I think somewhere in the neighbor hood of 20 years worth of expenses would be
more reasonable. (Assuming a conservative 5% return on investment, the
endowment would not be taxed on capital required to generate 1 year of
operating expenses in income each year.)

Alternatively, perhaps a tax could be levied only on any income to the
endowment beyond 1 year's worth of operating expenses.

------
alexdevkar
The author notes (a) ways Harvard could spend its money that might have more
public benefit and (b) that other non-profits are more deserving of donations.
Even if all true, that doesn't mean it should be stripped of its non-profit
status. Perfect management to optimize public benefit isn't the standard for
whether an organization gets non-profit status.

The more interesting argument is about what organizational traits our
government _should_ require in order to be blessed with special treatment.

------
cjensen
Put more abstractly, "we should take money from successful nonprofit A even
though A has done nothing improper because I disagree with A's goals and/or
methods and think it's wrong that people continue to give A money."

That's ludicrous. The hubristic desire to control others is extreme
progressivism's worst attribute.

------
logicalman
This is a bad idea. Harvard, Yale, Princeton, and other well endowed schools
spend more money per student than they receive from tuition. If they were for-
profit institutions, they would be further incentivized to raise tuition.

------
joe_the_user
I don't think there's much popular understanding how non-charitable an
organization can be and still qualify as a non-profit.
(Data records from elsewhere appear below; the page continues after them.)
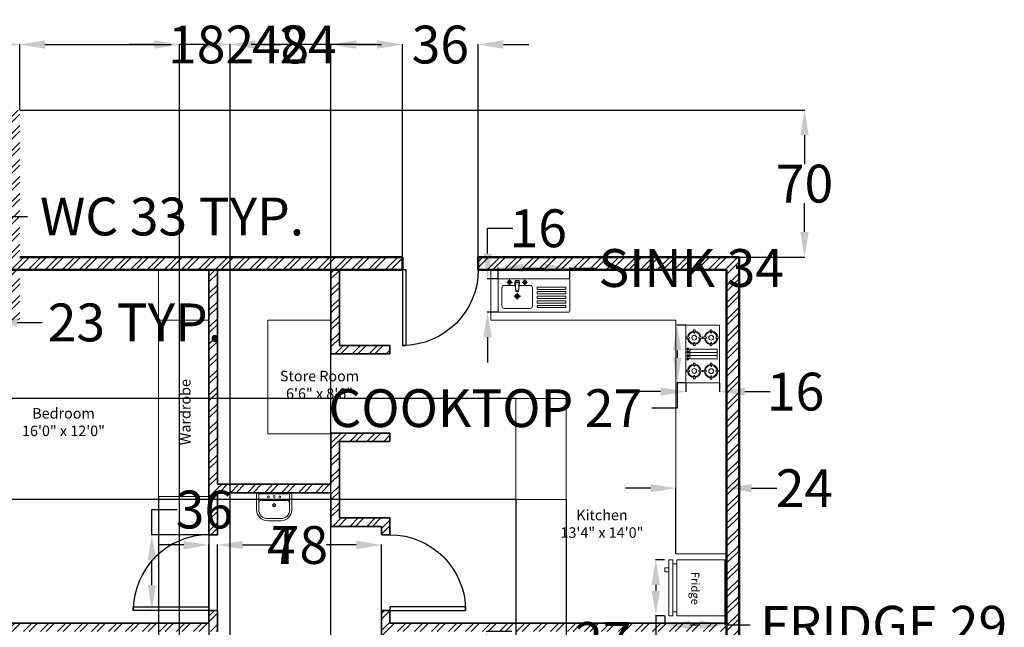
# Model space of a CAD drawing. Units: inches. Extents: x 7 to 752, y -275 to 426.
# Tile 5 of 5: x 284 to 752, y 137 to 426. Entities that reach past the tile are written whole.
import ezdxf

# ---------------------------------------------------------------- set-up
doc = ezdxf.new("R2010")
doc.units = ezdxf.units.IN
for name, color, linetype, lineweight in [('A-ANNO-DIMS', 2, 'Continuous', 18), ('A-ANNO-TEXT', 7, 'Continuous', 18), ('A-AREA-IDEN', 7, 'Continuous', 18), ('A-DOOR', 6, 'Continuous', 25), ('A-EQPM', 3, 'Continuous', 18), ('A-FLOR-CASE', 2, 'Continuous', 18), ('A-FLOR-FIXT', 8, 'Continuous', 18), ('A-WALL-PATT', 252, 'Continuous', 13), ('Inner Wall', 5, 'Continuous', 35), ('Kitchen', 3, 'Continuous', 18), ('Outer Wall', 1, 'Continuous', 50)]:
    doc.layers.add(name, color=color, linetype=linetype, lineweight=lineweight)
doc.styles.get("Standard").update_dxf_attribs({"font": 'arial.ttf'})
doc.dimstyles.get("Standard").update_dxf_attribs({"dimtxt": 18, "dimasz": 12, "dimexe": 0.18, "dimexo": 0.0625, "dimgap": 0.09, "dimtad": 0, "dimtih": 1, "dimtoh": 1, "dimdec": 0, "dimzin": 0, "dimdsep": 46, "dimlunit": 3, "dimtxsty": 'Standard', "dimcen": 0.09, "dimadec": 0, "dimazin": 0, "dimtfac": 1, "dimtdec": 0, "dimtofl": 0, "dimtmove": 0, "dimatfit": 3, "dimfxl": 1, "dimtolj": 1, "dimtzin": 0, "dimarcsym": 0})
pattern_1 = [(45, (-434.707, -1257.0093), (-4.041115, 4.041115), []), (45, (-432.013, -1257.0093), (-4.041115, 4.041115), [])]

# ---------------------------------------------------------------- blocks, each defined once
blk = doc.blocks.new('*U3')
for p, q in [((0, 0), (0, -4)), ((36, 0), (36, -4))]:
    blk.add_line(p, q)
blk.add_lwpolyline([(0, 0), (0, 36), (1.75, 36), (1.75, 0)], close=True)
blk.add_arc((0, 0), 36, 0, 90)
blk = doc.blocks.new('*U5')
for p, q in [((0, 0), (0, -6)), ((36, 0), (36, -6))]:
    blk.add_line(p, q)
blk.add_lwpolyline([(0, 0), (0, 36), (1.75, 36), (1.75, 0)], close=True)
blk.add_arc((0, 0), 36, 0, 90)
blk = doc.blocks.new('A$C7C492201')
for p, q in [((0, 10), (0, 427)), ((10, 437), (927, 437)), ((112, 389), (185, 389)), ((148, 425), (148, 352)), ((223, 415), (217, 376)), ((223, 415), (232, 268)), ((223, 415), (248, 415)), ((225, 395), (248, 395)), ((273, 415), (248, 415)), ((272, 395), (248, 395)), ((273, 415), (265, 268)), ((273, 415), (280, 376)), ((312, 389), (385, 389)), ((348, 425), (348, 352)), ((937, 10), (937, 427)), ((48, 319), (48, 79)), ((221, 349), (78, 349)), ((217, 376), (232, 268)), ((231, 279), (248, 279)), ((232, 268), (248, 268)), ((266, 279), (248, 279)), ((265, 268), (248, 268)), ((280, 376), (265, 268)), ((418, 349), (276, 349)), ((448, 319), (448, 79)), ((509, 328), (509, 298)), ((509, 328), (885, 328)), ((509, 298), (885, 298)), ((509, 268), (509, 238)), ((509, 268), (885, 268)), ((885, 328), (885, 298)), ((885, 268), (885, 238)), ((203, 208), (294, 208)), ((248, 253), (248, 163)), ((509, 238), (885, 238)), ((509, 208), (885, 208)), ((509, 208), (509, 178)), ((509, 178), (885, 178)), ((509, 148), (509, 118)), ((509, 148), (885, 148)), ((885, 208), (885, 178)), ((885, 148), (885, 118)), ((927, 0), (10, 0)), ((418, 49), (78, 49)), ((509, 118), (885, 118)), ((509, 88), (509, 58)), ((509, 88), (885, 88)), ((509, 58), (885, 58)), ((885, 88), (885, 58))]:
    blk.add_line(p, q)
for centre, radius in [((148, 389), 25), ((148, 389), 15), ((348, 389), 25), ((348, 389), 15), ((248, 208), 30), ((248, 208), 20)]:
    blk.add_circle(centre, radius)
for centre, radius, start, end in [((10, 427), 10, 90, 180), ((247, 388), 7.19, 80.5252, 279.4748), ((250, 388), 7.19, 260.5252, 99.4748), ((927, 427), 10, 0, 90), ((78, 319), 30, 90, 180), ((418, 319), 30, 0, 90), ((10, 10), 10, 180, 270), ((78, 79), 30, 180, 270), ((418, 79), 30, 270, 0), ((927, 10), 10, 270, 0)]:
    blk.add_arc(centre, radius, start, end)
blk = doc.blocks.new('REFRI-00')
for points in [[(-0.35, 0.35), (-0.35, -0.25), (0.35, -0.25), (0.35, 0.35), (-0.35, 0.35)], [(-0.35, -0.3), (-0.35, -0.35), (0.35, -0.35), (0.35, -0.3), (-0.35, -0.3)], [(-0.3, -0.3), (-0.3, -0.25)], [(-0.25, -0.35), (-0.25, -0.4), (-0.2, -0.4), (-0.2, -0.35)], [(0.3, -0.3), (0.3, -0.25)]]:
    blk.add_lwpolyline(points)
blk = doc.blocks.new('A$C57CF26DA')
for p, q in [((0, 0), (0, 420)), ((720, 420), (0, 420)), ((167, 413), (147, 413)), ((147, 413), (152, 373)), ((152, 373), (162, 373)), ((162, 373), (167, 413)), ((300, 391), (300, 49)), ((300, 391), (420, 391)), ((340, 391), (340, 49)), ((380, 391), (380, 49)), ((420, 391), (420, 49)), ((584, 413), (564, 413)), ((564, 413), (569, 373)), ((569, 373), (579, 373)), ((579, 373), (584, 413)), ((720, 0), (720, 420)), ((99, 320), (59, 325)), ((59, 325), (59, 305)), ((59, 305), (99, 310)), ((99, 310), (99, 320)), ((152, 257), (147, 217)), ((162, 257), (152, 257)), ((167, 217), (162, 257)), ((255, 325), (215, 320)), ((215, 320), (215, 310)), ((215, 310), (255, 305)), ((255, 305), (255, 325)), ((516, 320), (476, 325)), ((476, 325), (476, 305)), ((476, 305), (516, 310)), ((516, 310), (516, 320)), ((569, 257), (564, 217)), ((579, 257), (569, 257)), ((584, 217), (579, 257)), ((672, 325), (632, 320)), ((632, 320), (632, 310)), ((632, 310), (672, 305)), ((672, 305), (672, 325)), ((147, 217), (167, 217)), ((167, 203), (147, 203)), ((147, 203), (152, 163)), ((152, 163), (162, 163)), ((162, 163), (167, 203)), ((581, 203), (561, 203)), ((561, 203), (566, 163)), ((564, 217), (584, 217)), ((566, 163), (576, 163)), ((576, 163), (581, 203)), ((99, 110), (59, 115)), ((59, 115), (59, 95)), ((59, 95), (99, 100)), ((99, 100), (99, 110)), ((152, 47), (147, 7)), ((147, 7), (167, 7)), ((162, 47), (152, 47)), ((167, 7), (162, 47)), ((255, 115), (215, 110)), ((215, 110), (215, 100)), ((215, 100), (255, 95)), ((255, 95), (255, 115)), ((302, 39), (295, 39)), ((295, 39), (295, 11)), ((295, 11), (302, 11)), ((420, 49), (300, 49)), ((302, 11), (302, 39)), ((341, 39), (334, 39)), ((334, 39), (334, 11)), ((334, 11), (341, 11)), ((341, 11), (341, 39)), ((380, 11), (380, 39)), ((380, 39), (386, 39)), ((386, 11), (380, 11)), ((386, 39), (386, 11)), ((419, 11), (419, 39)), ((419, 39), (426, 39)), ((426, 11), (419, 11)), ((426, 39), (426, 11)), ((513, 110), (473, 115)), ((473, 115), (473, 95)), ((473, 95), (513, 100)), ((513, 100), (513, 110)), ((566, 47), (561, 7)), ((561, 7), (581, 7)), ((576, 47), (566, 47)), ((581, 7), (576, 47)), ((669, 115), (629, 110)), ((629, 110), (629, 100)), ((629, 100), (669, 95)), ((669, 95), (669, 115)), ((720, 0), (0, 0))]:
    blk.add_line(p, q)
for centre in [(157, 315), (574, 315), (157, 105), (571, 105)]:
    blk.add_circle(centre, 30)
for centre, radius, start, end in [((157, 315), 83, 95.5849, 174.4151), ((157, 315), 73, 95.3738, 174.6262), ((157, 315), 73, 5.3738, 84.6262), ((157, 315), 83, 5.5849, 84.4151), ((574, 315), 83, 95.5849, 174.4151), ((574, 315), 73, 95.3738, 174.6262), ((574, 315), 73, 5.3738, 84.6262), ((574, 315), 83, 5.5849, 84.4151), ((157, 315), 83, 185.5849, 264.4151), ((157, 315), 73, 185.3738, 264.6262), ((157, 315), 73, 275.3738, 354.6262), ((157, 315), 83, 275.5849, 354.4151), ((574, 315), 83, 185.5849, 264.4151), ((574, 315), 73, 185.3738, 264.6262), ((574, 315), 73, 275.3738, 354.6262), ((574, 315), 83, 275.5849, 354.4151), ((157, 105), 83, 95.5849, 174.4151), ((157, 105), 73, 95.3738, 174.6262), ((157, 105), 73, 5.3738, 84.6262), ((157, 105), 83, 5.5849, 84.4151), ((571, 105), 83, 95.5849, 174.4151), ((571, 105), 73, 95.3738, 174.6262), ((571, 105), 73, 5.3738, 84.6262), ((571, 105), 83, 5.5849, 84.4151), ((157, 105), 83, 185.5849, 264.4151), ((157, 105), 73, 185.3738, 264.6262), ((157, 105), 73, 275.3738, 354.6262), ((157, 105), 83, 275.5849, 354.4151), ((298, 25), 13.7, 104.4775, 255.5225), ((298, 25), 13.7, 284.4775, 75.5225), ((337, 25), 13.7, 104.4775, 255.5225), ((337, 25), 13.7, 284.4775, 75.5225), ((383, 25), 13.7, 104.4775, 255.5225), ((383, 25), 13.7, 284.4775, 75.5225), ((422, 25), 13.7, 104.4775, 255.5225), ((422, 25), 13.7, 284.4775, 75.5225), ((571, 105), 83, 185.5849, 264.4151), ((571, 105), 73, 185.3738, 264.6262), ((571, 105), 73, 275.3738, 354.6262), ((571, 105), 83, 275.5849, 354.4151)]:
    blk.add_arc(centre, radius, start, end)
blk = doc.blocks.new('A$C57EA129C')
for p, q in [((0, 0.443), (0, 0.178)), ((0.016, 0.459), (0.563, 0.459)), ((0.036, 0.432), (0.036, 0.29)), ((0.045, 0.441), (0.535, 0.441)), ((0.08, 0.334), (0.499, 0.334)), ((0.544, 0.432), (0.544, 0.29)), ((0.579, 0.443), (0.579, 0.178)), ((0.036, 0.29), (0.036, 0.178)), ((0.544, 0.29), (0.544, 0.178)), ((0.178, 0.036), (0.401, 0.036)), ((0.178, 0), (0.401, 0))]:
    blk.add_line(p, q)
for centre, radius in [((0.198, 0.392), 0.0143), ((0.29, 0.396), 0.0156), ((0.381, 0.392), 0.0143), ((0.29, 0.255), 0.0267), ((0.29, 0.255), 0.0178)]:
    blk.add_circle(centre, radius)
for centre, radius, start, end in [((0.016, 0.443), 0.016, 90, 180), ((0.045, 0.432), 0.00891, 90, 180), ((0.08, 0.29), 0.0445, 90, 180), ((0.499, 0.29), 0.0445, 0, 90), ((0.535, 0.432), 0.00891, 0, 90), ((0.563, 0.443), 0.016, 0, 90), ((0.178, 0.178), 0.178, 180, 270), ((0.178, 0.178), 0.143, 180, 270), ((0.401, 0.178), 0.178, 270, 0), ((0.401, 0.178), 0.143, 270, 0)]:
    blk.add_arc(centre, radius, start, end)
blk = doc.blocks.new('*D16')
at = {"layer": 'A-ANNO-DIMS', "color": 0, "lineweight": -2, "transparency": 16777216}
for p, q in [((276.06, 320.03), (276.06, 332.03)), ((276.06, 332.03), (288.06, 332.03)), ((271.12, 320.03), (276.24, 320.03)), ((276.06, 298.68), (276.06, 308.03)), ((271.12, 286.68), (276.24, 286.68))]:
    blk.add_line(p, q, dxfattribs=at)
at = {"layer": 'A-ANNO-DIMS', "color": 0, "transparency": 16777216}
for points in [[(274.06, 308.03), (278.06, 308.03), (276.06, 320.03)], [(274.06, 298.68), (278.06, 298.68), (276.06, 286.68)]]:
    blk.add_solid(points, dxfattribs=at)
at = {"layer": 'Defpoints', "color": 0, "transparency": 16777216}
for p in [(271.06, 320.03), (276.06, 320.03), (271.06, 286.68)]:
    blk.add_point(p, dxfattribs=at)
at = {"layer": 'A-ANNO-DIMS', "color": 0, "transparency": 16777216, "insert": (356.77, 332.03), "char_height": 18, "attachment_point": 5}
blk.add_mtext('\\A1;WC 33 TYP.', dxfattribs=at)
blk = doc.blocks.new('*D17')
at = {"layer": 'A-ANNO-DIMS', "color": 0, "lineweight": -2, "transparency": 16777216}
for p, q in [((247.6, 286.61), (247.6, 281.49)), ((271.06, 286.61), (271.06, 281.49)), ((235.6, 281.67), (223.6, 281.67)), ((283.06, 281.67), (295.06, 281.67))]:
    blk.add_line(p, q, dxfattribs=at)
at = {"layer": 'A-ANNO-DIMS', "color": 0, "transparency": 16777216}
for points in [[(235.6, 283.67), (235.6, 279.67), (247.6, 281.67)], [(283.06, 283.67), (283.06, 279.67), (271.06, 281.67)]]:
    blk.add_solid(points, dxfattribs=at)
at = {"layer": 'Defpoints', "color": 0, "transparency": 16777216}
for p in [(247.6, 286.68), (271.06, 286.68), (271.06, 281.67)]:
    blk.add_point(p, dxfattribs=at)
at = {"layer": 'A-ANNO-DIMS', "color": 0, "transparency": 16777216, "insert": (339.11, 281.67), "char_height": 18, "attachment_point": 5}
blk.add_mtext('\\A1;23 TYP.', dxfattribs=at)
blk = doc.blocks.new('*D20')
at = {"layer": 'A-ANNO-DIMS', "color": 0, "lineweight": -2, "transparency": 16777216}
for p, q in [((518.33, 134.68), (506.15, 134.68)), ((506.33, 122.68), (506.33, 103.84)), ((506.33, 66.2), (506.33, 85.04)), ((518.33, 54.2), (506.15, 54.2))]:
    blk.add_line(p, q, dxfattribs=at)
at = {"layer": 'A-ANNO-DIMS', "color": 0, "transparency": 16777216}
for points in [[(504.33, 122.68), (508.33, 122.68), (506.33, 134.68)], [(504.33, 66.2), (508.33, 66.2), (506.33, 54.2)]]:
    blk.add_solid(points, dxfattribs=at)
at = {"layer": 'Defpoints', "color": 0, "transparency": 16777216}
for p in [(506.33, 134.68), (518.4, 134.68), (518.4, 54.2)]:
    blk.add_point(p, dxfattribs=at)
at = {"layer": 'A-ANNO-DIMS', "color": 0, "transparency": 16777216, "insert": (506.33, 94.44), "char_height": 18, "attachment_point": 5}
blk.add_mtext('\\A1;KING BED 80 TYP.', dxfattribs=at)
blk = doc.blocks.new('*D24')
at = {"layer": 'A-ANNO-DIMS', "color": 0, "lineweight": -2, "transparency": 16777216}
for p, q in [((511.85, 302.5), (511.85, 307.72)), ((523.85, 307.54), (533.86, 307.54)), ((545.86, 302.5), (545.86, 307.72)), ((545.86, 307.54), (557.86, 307.54))]:
    blk.add_line(p, q, dxfattribs=at)
at = {"layer": 'A-ANNO-DIMS', "color": 0, "transparency": 16777216}
for points in [[(523.85, 309.54), (523.85, 305.54), (511.85, 307.54)], [(533.86, 309.54), (533.86, 305.54), (545.86, 307.54)]]:
    blk.add_solid(points, dxfattribs=at)
at = {"layer": 'Defpoints', "color": 0, "transparency": 16777216}
for p in [(545.86, 307.54), (511.85, 302.44), (545.86, 302.44)]:
    blk.add_point(p, dxfattribs=at)
at = {"layer": 'A-ANNO-DIMS', "color": 0, "transparency": 16777216, "insert": (603.6, 307.54), "char_height": 18, "attachment_point": 5}
blk.add_mtext('\\A1;SINK 34', dxfattribs=at)
blk = doc.blocks.new('*D25')
at = {"layer": 'A-ANNO-DIMS', "color": 0, "lineweight": -2, "transparency": 16777216}
for p, q in [((506.75, 314.44), (506.75, 326.44)), ((506.75, 326.44), (518.75, 326.44)), ((511.79, 302.44), (506.57, 302.44)), ((511.79, 286.59), (506.57, 286.59)), ((506.75, 274.59), (506.75, 262.59))]:
    blk.add_line(p, q, dxfattribs=at)
at = {"layer": 'A-ANNO-DIMS', "color": 0, "transparency": 16777216}
for points in [[(504.75, 314.44), (508.75, 314.44), (506.75, 302.44)], [(504.75, 274.59), (508.75, 274.59), (506.75, 286.59)]]:
    blk.add_solid(points, dxfattribs=at)
at = {"layer": 'Defpoints', "color": 0, "transparency": 16777216}
for p in [(506.75, 302.44), (511.85, 302.44), (511.85, 286.59)]:
    blk.add_point(p, dxfattribs=at)
at = {"layer": 'A-ANNO-DIMS', "color": 0, "transparency": 16777216, "insert": (530.88, 326.44), "char_height": 18, "attachment_point": 5}
blk.add_mtext('\\A1;16', dxfattribs=at)
blk = doc.blocks.new('*D26')
at = {"layer": 'A-ANNO-DIMS', "color": 0, "lineweight": -2, "transparency": 16777216}
for p, q in [((591.04, 142.1), (591.04, 137.69)), ((619.61, 142.1), (619.61, 137.69)), ((603.04, 137.87), (607.61, 137.87)), ((619.61, 137.87), (631.61, 137.87))]:
    blk.add_line(p, q, dxfattribs=at)
at = {"layer": 'A-ANNO-DIMS', "color": 0, "transparency": 16777216}
for points in [[(603.04, 139.87), (603.04, 135.87), (591.04, 137.87)], [(607.61, 139.87), (607.61, 135.87), (619.61, 137.87)]]:
    blk.add_solid(points, dxfattribs=at)
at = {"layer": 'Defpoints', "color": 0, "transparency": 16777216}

Essentially, to be a non-profit all you need is have a purpose other than
profits and use your income to further that purpose. The purpose made to
increase the profits of businesses in a certain industry and you still
qualify. There's nothing in the definition that say "you must be good,
benevolent and not greedy", all you need is purpose.

See:
[http://en.wikipedia.org/wiki/Nonprofit_organization](http://en.wikipedia.org/wiki/Nonprofit_organization)
etc.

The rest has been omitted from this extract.